My noble friend Lord Higgins spoke of his Olympic experiences, and my goodness it seems a different day. I noticed that “Chariots of Fire” is currently on my local theatre and I am about to go for a nostalgic review of that. However, the Olympics of the 1940s were run and competed in a very different mode from the Olympics of today. The big change from amateur to professional has been one key difference. He raised the matter of drugs, a matter which my noble friend Lord Moynihan also took up. We should confirm the very tough line that is being taken on drugs here, because undoubtedly sports and sportspeople suffer tremendously if drugs become permitted, whatever the sport.
My noble friend asked what happens if people arrived with tickets that they cannot use. I do not currently have an answer to that scenario. I know that we have already discussed whether people could use tickets if their names were not on them. The response was that the person who bought the tickets has overall responsibility for them, but obviously they may be used by those who do not appear on the named tickets.
As for protestors, everyone has the right to protest and nothing that is being planned for the Games will curtail the right to legitimate peaceful protest, but that does not extend to disrupting the Games or their preparations. We certainly do not want to undermine years of dedicated training by those competing, or ruin the enjoyment of fans who have paid to see their sporting heroes in action, so we expect that the response to protests will be proportionate.

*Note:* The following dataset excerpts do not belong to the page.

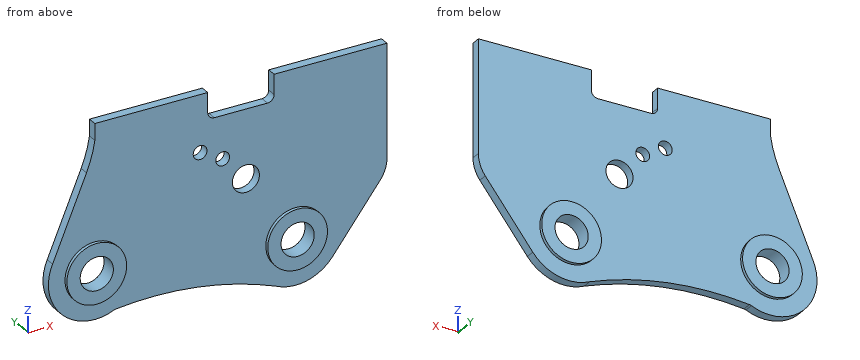
from build123d import *

# Parameters (mm, degrees)
SKETCH1_R             = 20.75
SKETCH1_R_2           = 90
SKETCH1_R_3           = 40.75
BOSS_EXTRUDE1_DEPTH   = 28
SKETCH_2_2_R          = 90
SKETCH_2_2_R_2        = 50
BOSS_EXTRUDE2_DEPTH   = 10
BOSS_EXTRUDE2_2_DEPTH = 10
BOSS_EXTRUDE3_START   = -38
SKETCH_2_2_2_R        = 90
SKETCH_2_2_2_R_2      = 50
BOSS_EXTRUDE3_DEPTH   = 38


with BuildPart() as part:
    # Sketch1 → Boss-Extrude1 (new body)
    with BuildSketch(Plane(origin=(0, 0, 0), x_dir=(1, 0, 0), z_dir=(0, 1, 0))):
        with BuildLine():
            Line((1925.70113656, 1748.394060435), (2027.880227878, 1505.832022369))
            ThreePointArc((2027.880227878, 1505.832022369), (2043.18353175, 1462.087406566), (2052.944070187, 1416.782722365))
            Line((2052.944070187, 1416.782722365), (2052.944070187, 1366.782722365))
            Line((2052.944070187, 1366.782722365), (2392.944070187, 1366.782722365))
            Line((2392.944070187, 1366.782722365), (2392.944070187, 1426.782722365))
            ThreePointArc((2392.944070187, 1426.782722365), (2398.801934564, 1440.924857989), (2412.944070187, 1446.782722365))
            Line((2412.944070187, 1446.782722365), (2572.944070187, 1446.782722365))
            ThreePointArc((2572.944070187, 1446.782722365), (2587.086205811, 1440.924857989), (2592.944070187, 1426.782722365))
            Line((2592.944070187, 1426.782722365), (2592.944070187, 1366.782722365))
            Line((2592.944070187, 1366.782722365), (2932.944070187, 1366.782722365))
            Line((2932.944070187, 1366.782722365), (2932.944070187, 1705.998908982))
            ThreePointArc((2932.944070187, 1705.998908982), (2927.653962259, 1738.093088264), (2912.343343312, 1766.791634101))
            Line((2912.343343312, 1766.791634101), (2769.10349201, 1953.872243723))
            ThreePointArc((2769.10349201, 1953.872243723), (2690.844558049, 2004.841768703), (2597.944509636, 1995.253534964))
            ThreePointArc((2597.944509636, 1995.253534964), (2361.126178322, 1934.317555647), (2116.599187921, 1932.684586999))
            ThreePointArc((2116.599187921, 1932.684586999), (2113.568985738, 1933.277336612), (2110.666130639, 1934.329434346))
            ThreePointArc((2110.666130639, 1934.329434346), (1953.690461842, 1905.518335141), (1925.70113656, 1748.394060435))
        make_face()
        with Locations(Location((2369.944070187, 1538.282722365, 0), (0, 0, 270))):
            Circle(SKETCH1_R, mode=Mode.SUBTRACT)
        with Locations(Location((2437.944070187, 1575.282722365, 0), (0, 0, 270))):
            Circle(SKETCH1_R, mode=Mode.SUBTRACT)
        with Locations(Location((2052.944070187, 1806.782722365, 0), (0, 0, 270))):
            Circle(SKETCH1_R_2, mode=Mode.SUBTRACT)
        with Locations(Location((2657.944509636, 1868.762428557, 0), (0, 0, 270))):
            Circle(SKETCH1_R_2, mode=Mode.SUBTRACT)
        with Locations(Location((2507.944070187, 1652.782722365, 0), (0, 0, 270))):
            Circle(SKETCH1_R_3, mode=Mode.SUBTRACT)
    extrude(amount=BOSS_EXTRUDE1_DEPTH)



with BuildPart() as body_2:
    # Sketch 2_2 → Boss-Extrude2 (new body)
    with BuildSketch(Plane(origin=(0, 28, 0), x_dir=(1, 0, 0), z_dir=(0, 1, 0))):
        with Locations(Location((2052.944070187, 1806.782722365, 0), (0, 0, 270))):
            Circle(SKETCH_2_2_R)
        with Locations(Location((2052.944070187, 1806.782722365, 0), (0, 0, 270))):
            Circle(SKETCH_2_2_R_2, mode=Mode.SUBTRACT)
    extrude(amount=BOSS_EXTRUDE2_DEPTH)


with BuildPart() as body_3:
    # Sketch 2_2 → Boss-Extrude2 2 (new body)
    with BuildSketch(Plane(origin=(0, 28, 0), x_dir=(1, 0, 0), z_dir=(0, 1, 0))):
        with Locations(Location((2657.944509636, 1868.762428557, 0), (0, 0, 270))):
            Circle(SKETCH_2_2_R)
        with Locations(Location((2657.944509636, 1868.762428557, 0), (0, 0, 270))):
            Circle(SKETCH_2_2_R_2, mode=Mode.SUBTRACT)
    extrude(amount=BOSS_EXTRUDE2_2_DEPTH)


with BuildPart() as part_1:
    add(part.part)

    add(body_2.part)  # Boss-Extrude3 merges body 2

    add(body_3.part)  # Boss-Extrude3 merges body 3
    # Sketch 2_2 2 → Boss-Extrude3 (add)
    # profile 1 of 2: a face of its own
    with BuildSketch(Plane(origin=(0, 28, 0), x_dir=(1, 0, 0), z_dir=(0, 1, 0)).offset(BOSS_EXTRUDE3_START)):
        with Locations(Location((2052.944070187, 1806.782722365, 0), (0, 0, 270))):
            Circle(SKETCH_2_2_2_R)
        with Locations(Location((2052.944070187, 1806.782722365, 0), (0, 0, 270))):
            Circle(SKETCH_2_2_2_R_2, mode=Mode.SUBTRACT)
    # profile 2 of 2: a face of its own
    with BuildSketch(Plane(origin=(0, 28, 0), x_dir=(1, 0, 0), z_dir=(0, 1, 0)).offset(BOSS_EXTRUDE3_START)):
        with Locations(Location((2657.944509636, 1868.762428557, 0), (0, 0, 270))):
            Circle(SKETCH_2_2_2_R)
        with Locations(Location((2657.944509636, 1868.762428557, 0), (0, 0, 270))):
            Circle(SKETCH_2_2_2_R_2, mode=Mode.SUBTRACT)
    extrude(amount=BOSS_EXTRUDE3_DEPTH)


solid = part_1.part
Geometry check sheet. Reference: the model listing, model coordinates, mm. Give positions to 0.01 mm unless a question says otherwise; leave off trailing zeros. Order: outer loops, then holes, each group sorted by start corner. A loop starts at its lowest first (then second) coordinate and runs counter-clockwise, first axis right, second up.
1) Cross-section at D-D (z = -1571). Record the boundary of the cut face in (x, y).
Results are:
outline: (2000.43, 0) - (2417.64, 0) - (2417.64, 28) - (2000.43, 28) - close; (2458.25, 0) - (2932.94, 0) - (2932.94, 28) - (2458.25, 28) - close
2) Cross-section at A-A (x = 2690.5). Record the boundary of the cut face in (y, z), then the cut area to 3 significant figures.
Results are:
outline: (-10, -1952.67) - (0, -1952.67) - (0, -2004.92) - (28, -2004.92) - (28, -1952.67) - (38, -1952.67) - (38, -1906.71) - (-10, -1906.71) - close; (-10, -1830.81) - (38, -1830.81) - (38, -1784.86) - (28, -1784.86) - (28, -1366.78) - (0, -1366.78) - (0, -1784.86) - (-10, -1784.86) - close
area: 17,600 mm2
3) Material ranges on probe 1 along Y at (x, z) = (2769, -1589); probe 2 along X at (y, z) = (25, -1836.5); probe 3 along Z at (x, y) = (2014, 23.5), recorded low to high.
Results are:
probe 1: y = 0 to 28
probe 2: x = 1916.13 to 2012.73, 2093.15 to 2619.75, 2696.14 to 2858.97
probe 3: z = -1941.26 to -1838.14, -1775.42 to -1538.78
4) Cross-section at C-C (y = 8). Record the boundary of the cut face in (x, z).
Results are:
outline: (1925.7, -1748.39) arc R140 ccw to (2110.67, -1934.33) arc R20 cw to (2116.6, -1932.68) arc R999.9 cw to (2597.94, -1995.25) arc R140 ccw to (2769.1, -1953.87) - (2912.34, -1766.79) arc R100 ccw to (2932.94, -1706) - (2932.94, -1366.78) - (2592.94, -1366.78) - (2592.94, -1426.78) arc R20 cw to (2572.94, -1446.78) - (2412.94, -1446.78) arc R20 cw to (2392.94, -1426.78) - (2392.94, -1366.78) - (2052.94, -1366.78) - (2052.94, -1416.78) arc R373 cw to (2027.88, -1505.83) - close; hole circle Ø100 at (2052.94, -1806.78); hole circle Ø41.5 at (2369.94, -1538.28); hole circle Ø41.5 at (2437.94, -1575.28); hole circle Ø81.5 at (2507.94, -1652.78); hole circle Ø100 at (2657.94, -1868.76)
5) Gauge pin test, flat ends, axial feed: pin 1 (8 mm diameter, centred on x = 2391, y = 24, fed in from -Z); pin 2 (10 mm diameter, centred on x = 2709, z = -1478, fed in from -Y); pin 3 (22.5 mm diameter, centred on y = 17, z = -1403, fed in from -X). Record the tip position at first contact, or that the pin passes through.
Results are:
pin 1: stops at z = -1939.31
pin 2: stops at y = 0
pin 3: stops at x = 2052.94
6) Cross-section at B-B (z = -1796). Record the boundary of the cut face in (x, y), then the cut area to 3 significant figures.
Results are:
outline: (1913.36, 0) - (1963.59, 0) - (1963.59, -10) - (2004.12, -10) - (2004.12, 38) - (1963.59, 38) - (1963.59, 28) - (1913.36, 28) - close; (2101.77, -10) - (2142.3, -10) - (2142.3, 0) - (2604.98, 0) - (2604.98, -10) - (2710.91, -10) - (2710.91, 0) - (2889.98, 0) - (2889.98, 28) - (2710.91, 28) - (2710.91, 38) - (2604.98, 38) - (2604.98, 28) - (2142.3, 28) - (2142.3, 38) - (2101.77, 38) - close
area: 28,400 mm2

My noble friend Lord Higgins also mentioned the legacy of the athletics stadium. We are of course encouraged to know that the athletics legacy will certainly continue until 2017, because the stadium will be used when we host the world athletics championships there.
The noble Baroness, Lady Ford, spoke about the legacy. I join other noble Lords in paying warm tribute to the work that she has done to ensure that the Olympic park is indeed a real credit to the country once it has completed its sporting time during the Olympic and Paralympics. She mentioned the importance of not pricing local people out of access or homes. My noble friend Lady Doocey also brought up concerns about local people being excluded from those. Considerable steps are being taken to ensure that the number of affordable homes in the Olympic park remains high. We hope that it will not become the preserve of the rich, because assurances are in place that local people will have their say. We congratulate the noble Baroness on what she has done and are sure that we have not seen the last of her in connection with Olympic matters, but she may act in a more personal capacity in future. We welcome Daniel Moylan, who will be carrying the torch in the post that the noble Baroness has vacated.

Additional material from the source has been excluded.